Im diagnosed bipolar 2 as well and although i tend to be on the depressive side more then the manic side i can get pretty long episodes of hypomania/mania and thankfully only short episodes of mixed state mania. During a mixed state is the time to pull out the zyprexa before i end up doing something stupid.


----------



## redhead70 (May 21, 2009)

Hi Comfortably Numb,
Thanks for your feedback. So, is Zyprexa for depression then? By "something stupid", do you mean hurt yourself? I think my Family Dr. suggested Zyprexa, but I'm worried about trying something new... since most AD's I've tried made me SUPER tired...


----------



## comfortably numb (Mar 6, 2006)

redhead70 said:


> Hi Comfortably Numb,
> Thanks for your feedback.

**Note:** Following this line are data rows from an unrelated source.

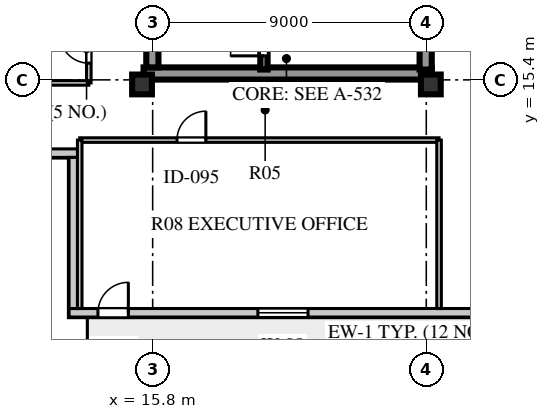
"""IFC4 building model, lengths in metres.
Left out: names, types, materials, properties, quantities, classifications, styles, units other than length and angle.
Written with IfcOpenShell. Run it as: python <this file> out.ifc"""

import sys

from ifc_helpers import new_model, si_unit, direction, frame, frame_2d, origin, origin_2d, place, context, subcontext, project, spatial, rectangle, extrude, element, fill, save


model = new_model("IFC4")
c1 = context("Model", 3, precision=1e-05, world=origin(), true_north=direction((0.0, 1.0)))
c2 = subcontext(c1, "Body", "Model", "MODEL_VIEW")
j1 = project(units=[si_unit("LENGTHUNIT", "METRE"), si_unit("PLANEANGLEUNIT", "RADIAN")], contexts=[c1])
p1 = place(None, origin())
s1 = spatial("IfcSite", under=j1, at=p1, CompositionType="ELEMENT")
p2 = place(p1, origin())
s2 = spatial("IfcBuilding", under=s1, at=p2, CompositionType="ELEMENT")
p3 = place(p2, frame((0.0, 0.0, 245.3)))
s3 = spatial("IfcBuildingStorey", under=s2, at=p3, CompositionType="ELEMENT", Elevation=245.3)
p4 = place(p3, frame((15.5, 15.61, 0.0), z_axis=(0.0, 0.0, 1.0), x_axis=(1.0, 0.0, 0.0)))
e1 = element("IfcWall", 1, at=p4, inside=s3, PredefinedType="SHEAR", context=c2, shape_type="SweptSolid", body=[
    extrude(rectangle(XDim=9.48, YDim=0.4, at=frame_2d((4.74, 0.0))), origin(), (0.0, 0.0, 1.0), 3.66),
])
p5 = place(p3, frame((15.79, 15.81, 0.0), z_axis=(0.0, 0.0, 1.0), x_axis=(0.0, 1.0, 0.0)))
e2 = element("IfcWall", 2, at=p5, inside=s3, PredefinedType="SHEAR", context=c2, shape_type="SweptSolid", body=[
    extrude(rectangle(XDim=25.63, YDim=0.4, at=frame_2d((12.815, 0.0))), origin(), (0.0, 0.0, 1.0), 3.66),
])
p6 = place(p3, frame((24.78, 15.74, 0.0), z_axis=(0.0, 0.0, 1.0), x_axis=(0.0, 1.0, 0.0)))
e3 = element("IfcWall", 3, at=p6, inside=s3, PredefinedType="SHEAR", context=c2, shape_type="SweptSolid", body=[
    extrude(rectangle(XDim=25.76, YDim=0.4, at=frame_2d((12.88, 0.0))), origin(), (0.0, 0.0, 1.0), 3.66),
])
p7 = place(p6, frame((1.61, 0.0, 0.0)))
e4 = element("IfcOpeningElement", 4, at=p7, cuts=e3, PredefinedType="OPENING", context=c2, shape_type="SweptSolid", body=[
    extrude(rectangle(XDim=1.2, YDim=2.1, at=frame_2d((0.6, 1.05))), frame((0.0, 0.21, 0.0), z_axis=(0.0, -1.0, 0.0), x_axis=(1.0, 0.0, 0.0)), (0.0, 0.0, 1.0), 0.42),
])
p8 = place(p6, frame((6.78, 0.0, 0.0)))
e5 = element("IfcOpeningElement", 5, at=p8, cuts=e3, PredefinedType="OPENING", context=c2, shape_type="SweptSolid", body=[
    extrude(rectangle(XDim=0.85, YDim=2.06, at=frame_2d((0.425, 1.03))), frame((0.0, 0.21, 0.0), z_axis=(0.0, -1.0, 0.0), x_axis=(1.0, 0.0, 0.0)), (0.0, 0.0, 1.0), 0.42),
])
p9 = place(p6, frame((12.11, 0.0, 0.0)))
e6 = element("IfcOpeningElement", 6, at=p9, cuts=e3, PredefinedType="OPENING", context=c2, shape_type="SweptSolid", body=[
    extrude(rectangle(XDim=1.5, YDim=2.12, at=frame_2d((0.75, 1.06))), frame((0.0, 0.21, 0.0), z_axis=(0.0, -1.0, 0.0), x_axis=(1.0, 0.0, 0.0)), (0.0, 0.0, 1.0), 0.42),
])
p10 = place(p6, frame((20.11, 0.0, 0.0)))
e7 = element("IfcOpeningElement", 7, at=p10, cuts=e3, PredefinedType="OPENING", context=c2, shape_type="SweptSolid", body=[
    extrude(rectangle(XDim=1.2, YDim=2.12, at=frame_2d((0.6, 1.06))), frame((0.0, 0.21, 0.0), z_axis=(0.0, -1.0, 0.0), x_axis=(1.0, 0.0, 0.0)), (0.0, 0.0, 1.0), 0.42),
])
p11 = place(p6, frame((24.01, 0.0, 0.0)))
e8 = element("IfcOpeningElement", 8, at=p11, cuts=e3, PredefinedType="OPENING", context=c2, shape_type="SweptSolid", body=[
    extrude(rectangle(XDim=0.95, YDim=2.1, at=frame_2d((0.475, 1.05))), frame((0.0, 0.21, 0.0), z_axis=(0.0, -1.0, 0.0), x_axis=(1.0, 0.0, 0.0)), (0.0, 0.0, 1.0), 0.42),
])
for number, where, z_axis, x_axis in (
    (9, (15.45, 15.25, 0.0), (0.0, 0.0, 1.0), (1.0, 0.0, 0.0)),
    (10, (24.95, 15.25, 0.0), (0.0, 0.0, 1.0), (1.0, 0.0, 0.0)),
):
    element("IfcColumn", number, at=place(p3, frame(where, z_axis=z_axis, x_axis=x_axis)), inside=s3, PredefinedType="COLUMN", context=c2, shape_type="SweptSolid", body=[
        extrude(rectangle(XDim=0.65, YDim=0.65, at=origin_2d()), origin(), (0.0, 0.0, 1.0), 3.66),
    ])
p12 = place(p3, frame((13.05, 7.74, 0.0), z_axis=(0.0, 0.0, 1.0), x_axis=(1.0, 0.0, 0.0)))
e11 = element("IfcWall", 11, at=p12, inside=s3, PredefinedType="STANDARD", context=c2, shape_type="SweptSolid", body=[
    extrude(rectangle(XDim=32.5, YDim=0.28, at=frame_2d((16.25, 0.0))), origin(), (0.0, 0.0, 1.0), 3.66),
])
p13 = place(p12, frame((0.95, 0.0, 0.0)))
e12 = element("IfcOpeningElement", 12, at=p13, cuts=e11, PredefinedType="OPENING", context=c2, shape_type="SweptSolid", body=[
    extrude(rectangle(XDim=1.0, YDim=2.05, at=frame_2d((0.5, 1.025))), frame((0.0, 0.15, 0.0), z_axis=(0.0, -1.0, 0.0), x_axis=(1.0, 0.0, 0.0)), (0.0, 0.0, 1.0), 0.3),
])
p14 = place(p12, frame((6.21, 0.0, 0.8)))
e13 = element("IfcOpeningElement", 13, at=p14, cuts=e11, PredefinedType="OPENING", context=c2, shape_type="SweptSolid", body=[
    extrude(rectangle(XDim=1.65, YDim=1.95, at=frame_2d((0.825, 0.975))), frame((0.0, 0.15, 0.0), z_axis=(0.0, -1.0, 0.0), x_axis=(1.0, 0.0, 0.0)), (0.0, 0.0, 1.0), 0.3),
])
p15 = place(p12, frame((14.577, 0.0, 0.8)))
e14 = element("IfcOpeningElement", 14, at=p15, cuts=e11, PredefinedType="OPENING", context=c2, shape_type="SweptSolid", body=[
    extrude(rectangle(XDim=1.95, YDim=2.0, at=frame_2d((0.975, 1.0))), frame((0.0, 0.15, 0.0), z_axis=(0.0, -1.0, 0.0), x_axis=(1.0, 0.0, 0.0)), (0.0, 0.0, 1.0), 0.3),
])
p16 = place(p12, frame((20.463, 0.0, 0.8)))
e15 = element("IfcOpeningElement", 15, at=p16, cuts=e11, PredefinedType="OPENING", context=c2, shape_type="SweptSolid", body=[
    extrude(rectangle(XDim=2.25, YDim=2.0, at=frame_2d((1.125, 1.0))), frame((0.0, 0.15, 0.0), z_axis=(0.0, -1.0, 0.0), x_axis=(1.0, 0.0, 0.0)), (0.0, 0.0, 1.0), 0.3),
])
p17 = place(p12, frame((28.345, 0.0, 0.8)))
e16 = element("IfcOpeningElement", 16, at=p17, cuts=e11, PredefinedType="OPENING", context=c2, shape_type="SweptSolid", body=[
    extrude(rectangle(XDim=1.8, YDim=2.0, at=frame_2d((0.9, 1.0))), frame((0.0, 0.15, 0.0), z_axis=(0.0, -1.0, 0.0), x_axis=(1.0, 0.0, 0.0)), (0.0, 0.0, 1.0), 0.3),
])
p18 = place(p3, frame((7.8, 12.99, 0.0), z_axis=(0.0, 0.0, 1.0), x_axis=(1.0, 0.0, 0.0)))
e17 = element("IfcWall", 17, at=p18, inside=s3, PredefinedType="STANDARD", context=c2, shape_type="SweptSolid", body=[
    extrude(rectangle(XDim=5.53, YDim=0.28, at=frame_2d((2.765, 0.0))), origin(), (0.0, 0.0, 1.0), 3.66),
])
p19 = place(p3, frame((13.19, 12.85, 0.0), z_axis=(0.0, 0.0, 1.0), x_axis=(0.0, -1.0, 0.0)))
e18 = element("IfcWall", 18, at=p19, inside=s3, PredefinedType="STANDARD", context=c2, shape_type="SweptSolid", body=[
    extrude(rectangle(XDim=4.97, YDim=0.28, at=frame_2d((2.485, 0.0))), origin(), (0.0, 0.0, 1.0), 3.66),
])
p20 = place(p3, frame((19.46, 15.74, 0.0), z_axis=(0.0, 0.0, 1.0), x_axis=(0.0, 1.0, 0.0)))
e19 = element("IfcWall", 19, at=p20, inside=s3, PredefinedType="SHEAR", context=c2, shape_type="SweptSolid", body=[
    extrude(rectangle(XDim=8.2, YDim=0.24, at=frame_2d((4.1, 0.0))), origin(), (0.0, 0.0, 1.0), 3.9),
])
p21 = place(p20, frame((0.45, 0.0, 0.0)))
e20 = element("IfcOpeningElement", 20, at=p21, cuts=e19, PredefinedType="OPENING", context=c2, shape_type="SweptSolid", body=[
    extrude(rectangle(XDim=1.1, YDim=2.1, at=frame_2d((0.55, 1.05))), frame((0.0, 0.13, 0.0), z_axis=(0.0, -1.0, 0.0), x_axis=(1.0, 0.0, 0.0)), (0.0, 0.0, 1.0), 0.26),
])
p22 = place(p3, frame((13.4, 13.42, 0.0), z_axis=(0.0, 0.0, 1.0), x_axis=(1.0, 0.0, 0.0)))
e21 = element("IfcWall", 21, at=p22, inside=s3, PredefinedType="PARTITIONING", context=c2, shape_type="SweptSolid", body=[
    extrude(rectangle(XDim=11.82, YDim=0.15, at=frame_2d((5.91, 0.0))), origin(), (0.0, 0.0, 1.0), 3.66),
])
p23 = place(p22, frame((3.2, 0.0, 0.0)))
e22 = element("IfcOpeningElement", 22, at=p23, cuts=e21, PredefinedType="OPENING", context=c2, shape_type="SweptSolid", body=[
    extrude(rectangle(XDim=0.95, YDim=2.08, at=frame_2d((0.475, 1.04))), frame((0.0, 0.085, 0.0), z_axis=(0.0, -1.0, 0.0), x_axis=(1.0, 0.0, 0.0)), (0.0, 0.0, 1.0), 0.17),
])
p24 = place(p3, frame((13.4, 7.88, 0.0), z_axis=(0.0, 0.0, 1.0), x_axis=(0.0, 1.0, 0.0)))
e23 = element("IfcWall", 23, at=p24, inside=s3, PredefinedType="PARTITIONING", context=c2, shape_type="SweptSolid", body=[
    extrude(rectangle(XDim=5.54, YDim=0.15, at=frame_2d((2.77, 0.0))), origin(), (0.0, 0.0, 1.0), 3.66),
])
p25 = place(p3, frame((25.22, 7.88, 0.0), z_axis=(0.0, 0.0, 1.0), x_axis=(0.0, 1.0, 0.0)))
e24 = element("IfcWall", 24, at=p25, inside=s3, PredefinedType="PARTITIONING", context=c2, shape_type="SweptSolid", body=[
    extrude(rectangle(XDim=5.54, YDim=0.15, at=frame_2d((2.77, 0.0))), origin(), (0.0, 0.0, 1.0), 3.21),
])
p26 = place(p3, frame((13.7, 15.3, 0.0), z_axis=(0.0, 0.0, 1.0), x_axis=(0.0, 1.0, 0.0)))
e25 = element("IfcWall", 25, at=p26, inside=s3, PredefinedType="PARTITIONING", context=c2, shape_type="SweptSolid", body=[
    extrude(rectangle(XDim=26.6, YDim=0.15, at=frame_2d((13.3, 0.0))), origin(), (0.0, 0.0, 1.0), 3.66),
])
p27 = place(p26, frame((0.65, 0.0, 0.0)))
e26 = element("IfcOpeningElement", 26, at=p27, cuts=e25, PredefinedType="OPENING", context=c2, shape_type="SweptSolid", body=[
    extrude(rectangle(XDim=0.95, YDim=2.1, at=frame_2d((0.475, 1.05))), frame((0.0, 0.085, 0.0), z_axis=(0.0, -1.0, 0.0), x_axis=(1.0, 0.0, 0.0)), (0.0, 0.0, 1.0), 0.17),
])
p28 = place(p26, frame((11.55, 0.0, 0.0)))
e27 = element("IfcOpeningElement", 27, at=p28, cuts=e25, PredefinedType="OPENING", context=c2, shape_type="SweptSolid", body=[
    extrude(rectangle(XDim=0.95, YDim=2.1, at=frame_2d((0.475, 1.05))), frame((0.0, 0.085, 0.0), z_axis=(0.0, -1.0, 0.0), x_axis=(1.0, 0.0, 0.0)), (0.0, 0.0, 1.0), 0.17),
])
p29 = place(p3, frame((8.08, 15.3, 0.0), z_axis=(0.0, 0.0, 1.0), x_axis=(1.0, 0.0, 0.0)))
e28 = element("IfcWall", 28, at=p29, inside=s3, PredefinedType="PARTITIONING", context=c2, shape_type="SweptSolid", body=[
    extrude(rectangle(XDim=5.62, YDim=0.15, at=frame_2d((2.81, 0.0))), origin(), (0.0, 0.0, 1.0), 3.21),
])
p30 = place(p13, frame((1.0, 0.0, 0.0), z_axis=(0.0, 0.0, 1.0), x_axis=(-1.0, 0.0, 0.0)))
e29 = element("IfcDoor", 29, at=p30, inside=s3, OperationType="SINGLE_SWING_LEFT", PredefinedType="DOOR", context=c2, shape_type="SweptSolid", body=[
    extrude(rectangle(XDim=1.0, YDim=2.05, at=frame_2d((0.5, 1.025))), frame((0.0, 0.025, 0.0), z_axis=(0.0, -1.0, 0.0), x_axis=(1.0, 0.0, 0.0)), (0.0, 0.0, 1.0), 0.05),
])
fill(e12, e29)
p31 = place(p14, origin())
e30 = element("IfcWindow", 30, at=p31, inside=s3, PartitioningType="SINGLE_PANEL", PredefinedType="WINDOW", context=c2, shape_type="SweptSolid", body=[
    extrude(rectangle(XDim=1.65, YDim=1.95, at=frame_2d((0.825, 0.975))), frame((0.0, 0.03, 0.0), z_axis=(0.0, -1.0, 0.0), x_axis=(1.0, 0.0, 0.0)), (0.0, 0.0, 1.0), 0.06),
])
fill(e13, e30)
p32 = place(p21, origin())
e31 = element("IfcDoor", 31, at=p32, inside=s3, OperationType="SINGLE_SWING_LEFT", PredefinedType="DOOR", context=c2, shape_type="SweptSolid", body=[
    extrude(rectangle(XDim=1.1, YDim=2.1, at=frame_2d((0.55, 1.05))), frame((0.0, 0.025, 0.0), z_axis=(0.0, -1.0, 0.0), x_axis=(1.0, 0.0, 0.0)), (0.0, 0.0, 1.0), 0.05),
])
fill(e20, e31)
p33 = place(p23, frame((0.95, 0.0, 0.0), z_axis=(0.0, 0.0, 1.0), x_axis=(-1.0, 0.0, 0.0)))
e32 = element("IfcDoor", 32, at=p33, inside=s3, OperationType="SINGLE_SWING_LEFT", PredefinedType="DOOR", context=c2, shape_type="SweptSolid", body=[
    extrude(rectangle(XDim=0.95, YDim=2.08, at=frame_2d((0.475, 1.04))), frame((0.0, 0.025, 0.0), z_axis=(0.0, -1.0, 0.0), x_axis=(1.0, 0.0, 0.0)), (0.0, 0.0, 1.0), 0.05),
])
fill(e22, e32)
p34 = place(p27, frame((0.95, 0.0, 0.0), z_axis=(0.0, 0.0, 1.0), x_axis=(-1.0, 0.0, 0.0)))
e33 = element("IfcDoor", 33, at=p34, inside=s3, OperationType="SINGLE_SWING_LEFT", PredefinedType="DOOR", context=c2, shape_type="SweptSolid", body=[
    extrude(rectangle(XDim=0.95, YDim=2.1, at=frame_2d((0.475, 1.05))), frame((0.0, 0.025, 0.0), z_axis=(0.0, -1.0, 0.0), x_axis=(1.0, 0.0, 0.0)), (0.0, 0.0, 1.0), 0.05),
])
fill(e26, e33)
save(model, sys.argv[1])

So, is Zyprexa for depression then? By "something stupid", do you mean hurt yourself? I think my Family Dr. suggested Zyprexa, but I'm worried about trying something new... since most AD's I've tried made me SUPER tired...


The zyprexa is for the hypomania/mania/mixed states. It's a atypical anti-psychotic so no it's not a anti-depressant. Though certain atypical anti-psychotics do have anti-depressant effects mainly seroquel and zyprexa.

By doing something stupid i mean slashing my arm up with a razor while in a mixed episode. Either that or punching steel doors or brick walls until the skin is torn right off my knuckles.


----------



## redhead70 (May 21, 2009)

Hi Comfortably Numb,
Wow, that's harsh. My partner is/was (still sometimes) a slasher. Thanks for the info. It may have been Cymbalta that he recommended. Again, still scared to switch or add anything to my current regime. Do you happen to know anything about Cymbalta? I've upped my lamotrigine to 150 mg... over the last few weeks. Thought I felt a little different, motivation wise, but now I'm not so sure. Maybe I just need to give it time...


----------



## comfortably numb (Mar 6, 2006)

Yup mixed states are the worst. They are mental torture so thank god for anti-psychotics like zyprexa as well as mood stabilizers like lamotrigine which really reduce the mixed states.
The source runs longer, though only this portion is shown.